Directed by Gerard Stembridge, starring Stuart Townsend, Frances O'Connor, Charlotte Bradley, Kate Hudson, Alan Maher and Rosaleen Lenihan.

It had to happen someday. Someone finally had to look beyond a lens and realise that the middle class also had homes and lives in Dublin. Someone had to make a film that didn't make the city look like it had been bulldozed down a deprivation cul-de-sac by the location police and then populated with characters from central casting. That it took so long is remarkable, that the someone in question pulls it off with such grace and wit is greater still. Gerard Stembridge, take a bow - a long one.
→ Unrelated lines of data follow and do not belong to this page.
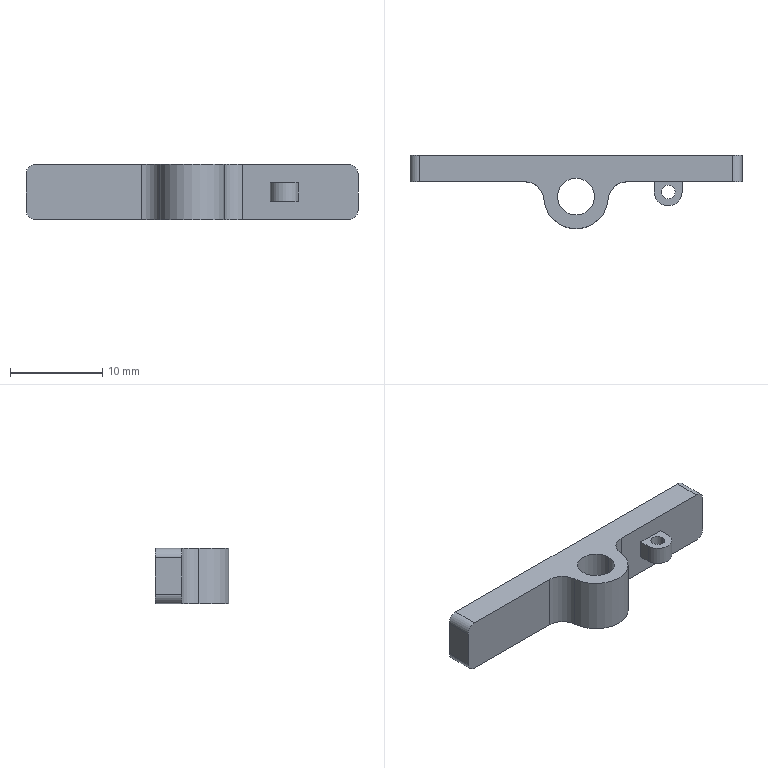Component | SolidWorks | SAWH02-03110A0StopBlock1-1 | 1 solid | 23 faces | box 36 x 8 x 6 mm | volume 751 mm3 | cylinder 12 | plane 11 | commonest cylinder face diameters 4 x4 2 x4 1.5 x2 3 x1 7 x1 | material SUS304
build123d program:
from build123d import *

# Parameters (mm, degrees)
SKETCH1_R           = 2
SKETCH1_R_2         = 0.75
BOSS_EXTRUDE1_DEPTH = 3
FILLET1_R           = 1
SKETCH2_W           = 3
SKETCH2_H           = 2
CUT_EXTRUDE1_DEPTH  = 19.948


with BuildPart() as part:
    # Sketch1 → Boss-Extrude1 (new, symmetric)
    with BuildSketch(Plane.XY):
        with BuildLine():
            Line((-18, 4.5), (18, 4.5))
            Line((18, 4.5), (18, 1.6))
            Line((18, 1.6), (11.5, 1.6))
            Line((11.5, 1.6), (11.5, 0.5))
            ThreePointArc((11.5, 0.5), (10, -1), (8.5, 0.5))
            Line((8.5, 0.5), (8.5, 1.6))
            Line((8.5, 1.6), (5.485, 1.6))
            ThreePointArc((5.485, 1.6), (4.124, 1.065), (3.491, -0.2545))
            ThreePointArc((3.491, -0.2545), (0, -3.5), (-3.491, -0.2545))
            ThreePointArc((-3.491, -0.2545), (-4.124, 1.065), (-5.485, 1.6))
            Line((-5.485, 1.6), (-18, 1.6))
            Line((-18, 1.6), (-18, 4.5))
        make_face()
        Circle(SKETCH1_R, mode=Mode.SUBTRACT)
        with Locations((10, 0.5)):
            Circle(SKETCH1_R_2, mode=Mode.SUBTRACT)
    extrude(amount=BOSS_EXTRUDE1_DEPTH, both=True)

    # Fillet1
    fillet1_edges = [part.edges().sort_by_distance(p)[0] for p in [
        (18, 3.05, 3),
        (-18, 3.05, -3),
        (18, 3.05, -3),
        (-18, 3.05, 3),
    ]]
    fillet(fillet1_edges, radius=FILLET1_R)

    # Sketch2 → Cut-Extrude1 (cut, through all)
    with BuildSketch(Plane.XZ.offset(-1.6)):
        with Locations((10, 2)):
            Rectangle(SKETCH2_W, SKETCH2_H)
        with Locations((10, -2)):
            Rectangle(SKETCH2_W, SKETCH2_H)
    extrude(amount=CUT_EXTRUDE1_DEPTH, mode=Mode.SUBTRACT)


solid = part.part

# Placed as in the assembly
solid = solid.moved(Location((-67.74, 2.612, 37.708), (0, 0, 0)))
STEP:
#1=CARTESIAN_POINT('',(-2.746,0.1028,1.603));
#2=VERTEX_POINT('',#1);
#3=CARTESIAN_POINT('',(-2.588,0.1028,1.603));
#4=VERTEX_POINT('',#3);
#5=CARTESIAN_POINT('',(-2.667,0.1028,1.603));
#6=DIRECTION('',(0.,0.,1.));
#7=DIRECTION('',(1.,0.,0.));
#8=AXIS2_PLACEMENT_3D('',#5,#6,#7);
#9=CIRCLE('',#8,0.07874);
#10=EDGE_CURVE('',#2,#4,#9,.T.);
#11=ORIENTED_EDGE('',*,*,#10,.T.);
#12=CARTESIAN_POINT('',(-2.588,0.1028,1.366));
#13=VERTEX_POINT('',#12);
#14=CARTESIAN_POINT('',(-2.588,0.1028,1.603));
#15=DIRECTION('',(0.,0.,-1.));
#16=VECTOR('',#15,39.37);
#17=LINE('',#14,#16);
#18=EDGE_CURVE('',#4,#13,#17,.T.);
#19=ORIENTED_EDGE('',*,*,#18,.T.);
#20=CARTESIAN_POINT('',(-2.746,0.1028,1.366));
#21=VERTEX_POINT('',#20);
#22=CARTESIAN_POINT('',(-2.667,0.1028,1.366));
#23=DIRECTION('',(0.,0.,1.));
#24=DIRECTION('',(1.,0.,0.));
#25=AXIS2_PLACEMENT_3D('',#22,#23,#24);
#26=CIRCLE('',#25,0.07874);
#27=EDGE_CURVE('',#21,#13,#26,.T.);
#28=ORIENTED_EDGE('',*,*,#27,.F.);
#29=CARTESIAN_POINT('',(-2.746,0.1028,1.603));
#30=DIRECTION('',(0.,0.,-1.));
#31=VECTOR('',#30,39.37);
#32=LINE('',#29,#31);
#33=EDGE_CURVE('',#2,#21,#32,.T.);
#34=ORIENTED_EDGE('',*,*,#33,.F.);
#35=EDGE_LOOP('',(#11,#19,#28,#34));
#36=FACE_OUTER_BOUND('',#35,.T.);
#37=CARTESIAN_POINT('',(-2.667,0.1028,1.603));
#38=DIRECTION('',(0.,0.,-1.));
#39=DIRECTION('',(-1.,0.,0.));
#40=AXIS2_PLACEMENT_3D('',#37,#38,#39);
#41=CYLINDRICAL_SURFACE('',#40,0.07874);
#42=ADVANCED_FACE('',(#36),#41,.F.);
#43=CARTESIAN_POINT('',(-2.303,0.1225,1.524));
#44=VERTEX_POINT('',#43);
#45=CARTESIAN_POINT('',(-2.244,0.1225,1.524));
#46=VERTEX_POINT('',#45);
#47=CARTESIAN_POINT('',(-2.273,0.1225,1.524));
#48=DIRECTION('',(0.,0.,1.));
#49=DIRECTION('',(1.,0.,0.));
#50=AXIS2_PLACEMENT_3D('',#47,#48,#49);
#51=CIRCLE('',#50,0.02953);
#52=EDGE_CURVE('',#44,#46,#51,.T.);
#53=ORIENTED_EDGE('',*,*,#52,.T.);
#54=CARTESIAN_POINT('',(-2.244,0.1225,1.445));
#55=VERTEX_POINT('',#54);
#56=CARTESIAN_POINT('',(-2.244,0.1225,1.603));
#57=DIRECTION('',(0.,0.,-1.));
#58=VECTOR('',#57,39.37);
#59=LINE('',#56,#58);
#60=EDGE_CURVE('',#46,#55,#59,.T.);
#61=ORIENTED_EDGE('',*,*,#60,.T.);
#62=CARTESIAN_POINT('',(-2.303,0.1225,1.445));
#63=VERTEX_POINT('',#62);
#64=CARTESIAN_POINT('',(-2.273,0.1225,1.445));
#65=DIRECTION('',(0.,0.,-1.));
#66=DIRECTION('',(-1.,0.,0.));
#67=AXIS2_PLACEMENT_3D('',#64,#65,#66);
#68=CIRCLE('',#67,0.02953);
#69=EDGE_CURVE('',#55,#63,#68,.T.);
#70=ORIENTED_EDGE('',*,*,#69,.T.);
#71=CARTESIAN_POINT('',(-2.303,0.1225,1.603));
#72=DIRECTION('',(0.,0.,-1.));
#73=VECTOR('',#72,39.37);
#74=LINE('',#71,#73);
#75=EDGE_CURVE('',#44,#63,#74,.T.);
#76=ORIENTED_EDGE('',*,*,#75,.F.);
#77=EDGE_LOOP('',(#53,#61,#70,#76));
#78=FACE_OUTER_BOUND('',#77,.T.);
#79=CARTESIAN_POINT('',(-2.273,0.1225,1.603));
#80=DIRECTION('',(0.,0.,-1.));
#81=DIRECTION('',(-1.,0.,0.));
#82=AXIS2_PLACEMENT_3D('',#79,#80,#81);
#83=CYLINDRICAL_SURFACE('',#82,0.02953);
#84=ADVANCED_FACE('',(#78),#83,.F.);
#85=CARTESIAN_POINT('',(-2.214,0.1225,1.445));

'About Adam' is a romantic comedy, but not in the hideous, saccharine, glamour puss sense that America has carpet-bombed the world with. It's smart, it knows its audience can join dots and walk upright at the same time and, it actually makes you think about - and not just laugh at - the messes that people get themselves in over four letters. It follows man about town and bedroom Adam (Townsend) as he works his way through the sisters in the Owen's family: flighty Lucy (Hudson), bookish Laura (O'Connor) and weary Alice (Bradley), presenting different faces to them all. Or is the joke the other way round? Is Adam just a vehicle (literally - wait until you see how hung up everyone gets about his car) for three women to figure out where they really want to go? Through a giddy looping narrative, Stembridge presents each woman's encounters with Adam, going over the same events from three different passions and perspectives. It's a device made for failure (witness 'Jackie Brown' and 'Hilary and Jackie'), but here each narrative plays just like the siblings' whispered secrets, always adding something new and increasing your appreciation for the action that went before. If you're not guessing how long anyone's luck can last then you're guessing just what one person knows and the other doesn't.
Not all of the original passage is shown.